# Alpaca Kerosene Cook Stove 8500 BTU



## Win07_351 (Dec 7, 2008)

Does anybody here have one of these, and if so, how do you like it? I'm thinking about getting one for emergency use and usually keep plenty of kerosene on hand.

https://www.usaemergencysupply.com/emergency_supplies/alpaca_kerosene_cook_stove_8500_btu.htm


----------



## Bearfootfarm (Jul 13, 2006)

It's a nice looking stove, but I prefer propane. 
Its cheaper, safer, and stores forever


----------



## AngieM2 (May 10, 2002)

I like the looks of that heater/stove.

Around me folks have a kero heater to suppliment the electric furnace in the mobile homes.
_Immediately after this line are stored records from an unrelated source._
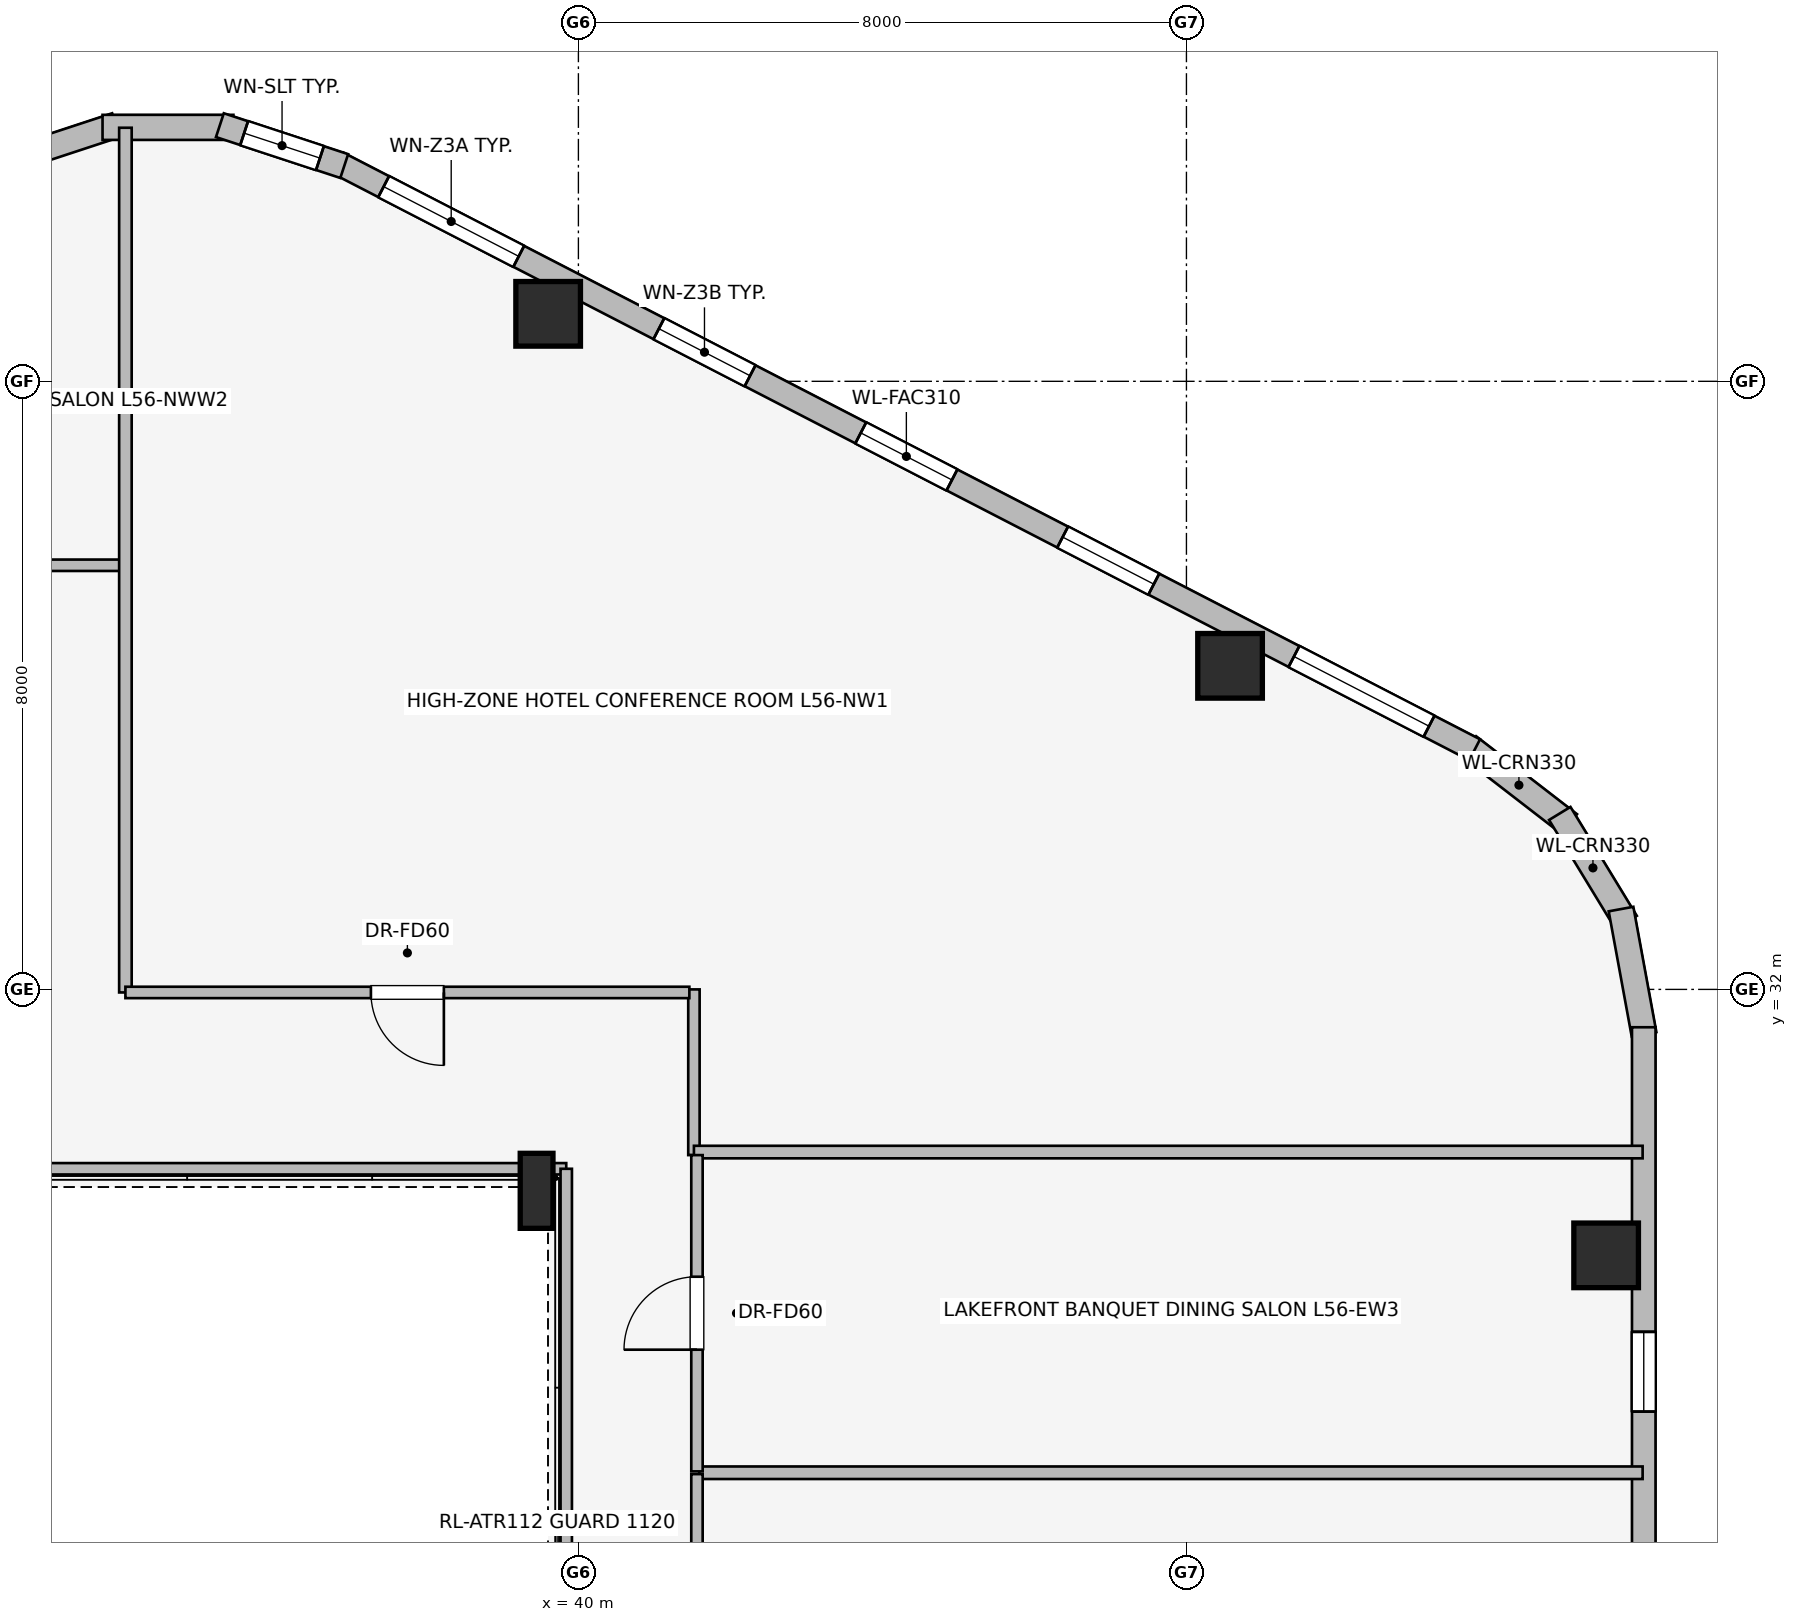
"""IFC4 building model, lengths in metres.
Left out: names, types, materials, properties, quantities, classifications, styles, units other than length and angle.
Written with IfcOpenShell. Run it as: python <this file> out.ifc"""

import sys

from ifc_helpers import new_model, si_unit, direction, frame, frame_2d, origin, origin_2d, place, context, subcontext, project, spatial, rectangle, i_section, extrude, element, fill, save


model = new_model("IFC4")
c1 = context("Model", 3, precision=1e-05, world=origin(), true_north=direction((0.0, 1.0)))
c2 = subcontext(c1, "Body", "Model", "MODEL_VIEW")
j1 = project(units=[si_unit("LENGTHUNIT", "METRE"), si_unit("PLANEANGLEUNIT", "RADIAN")], contexts=[c1])
p1 = place(None, origin())
s1 = spatial("IfcSite", under=j1, at=p1, CompositionType="ELEMENT")
p2 = place(p1, origin())
s2 = spatial("IfcBuilding", under=s1, at=p2, CompositionType="ELEMENT")
p3 = place(p2, frame((0.0, 0.0, 206.8)))
s3 = spatial("IfcBuildingStorey", under=s2, at=p3, CompositionType="ELEMENT", Elevation=206.8)
for number, where, z_axis, x_axis in (
    (1, (48.574, 36.257, 0.0), (0.0, 0.0, 1.0), (1.0, 0.0, 0.0)),
    (2, (39.602, 40.888, 0.0), (0.0, 0.0, 1.0), (1.0, 0.0, 0.0)),
    (3, (53.522, 28.501, 0.0), (0.0, 0.0, 1.0), (1.0, 0.0, 0.0)),
):
    element("IfcColumn", number, at=place(p3, frame(where, z_axis=z_axis, x_axis=x_axis)), inside=s3, PredefinedType="COLUMN", context=c2, shape_type="SweptSolid", body=[
        extrude(rectangle(XDim=0.85, YDim=0.85, at=origin_2d()), origin(), (0.0, 0.0, 1.0), 3.45),
    ])
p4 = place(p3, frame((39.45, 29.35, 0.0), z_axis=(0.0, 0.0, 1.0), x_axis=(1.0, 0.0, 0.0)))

This looks to server more purposes - like cooking, since we have electric stoves, microwaves, etc.

Angie


----------



## fratermus (May 11, 2009)

The only knock I've heard against the Alpaca is the wicks are $$$ and relatively easy to foul. Some of the other kero stoves use plain mop-head strands and so may be easier to store wicks for.


----------



## Vette Eaterr (Nov 26, 2003)

I've got something similar, make sure you take some time and play with it and learn how to use it, it does take some tinkering to use it effectively. It works kind of like a kerosene heat stove. I've experimented with burning diesel through it and it smells some but does work. Whats nice with these stoves is you can burn different fuels with the same stove (diesel based type fuels). Wicks are cheap, and you'll probably never go through ten in your life time if you use it right, but plan on wasting at least 1 wick messing around. Good place to get wicks is http://www.endtimesreport.com/Kerosene_wicks.html


----------



## Win07_351 (Dec 7, 2008)

Vette Eaterr said:


> I've got something similar, make sure you take some time and play with it and learn how to use it, it does take some tinkering to use it effectively. It works kind of like a kerosene heat stove. I've experimented with burning diesel through it and it smells some but does work. Whats nice with these stoves is you can burn different fuels with the same stove (diesel based type fuels). Wicks are cheap, and you'll probably never go through ten in your life time if you use it right, but plan on wasting at least 1 wick messing around. Good place to get wicks is http://www.endtimesreport.com/Kerosene_wicks.html


Thanks for the info and link. I've actually been buying wicks for my kero heaters from him for years and I'd recommend him highly.


----------



## Win07_351 (Dec 7, 2008)

AngieM2 said:


> I like the looks of that heater/stove.
> 
> Around me folks have a kero heater to suppliment the electric furnace in the mobile homes. This looks to server more purposes - like cooking, since we have electric stoves, microwaves, etc.
> 
> Angie


Actually, you can heat up food on top of a kerosene heater, I've done it before (soups, water, stews etc). I'm not sure if it will actually cook though because the top is high up off the wick.


----------



## fratermus (May 11, 2009)

Vette Eaterr said:


> Whats nice with these stoves is you can burn different fuels with the same stove (diesel based type fuels). Wicks are cheap, and you'll probably never go through ten in your life time if you use it right,


_Many_ wicks are cheap and so can be fouled with diesel with no great harm to one's pocketbook.

_Alpaca wicks_ run $9-10 online (the URL you posted leads readers offsite for Alpaca wicks where they are listed for $10.95) each so diesel experimentation with Alpaca is not quite as free of costly repercussion.


----------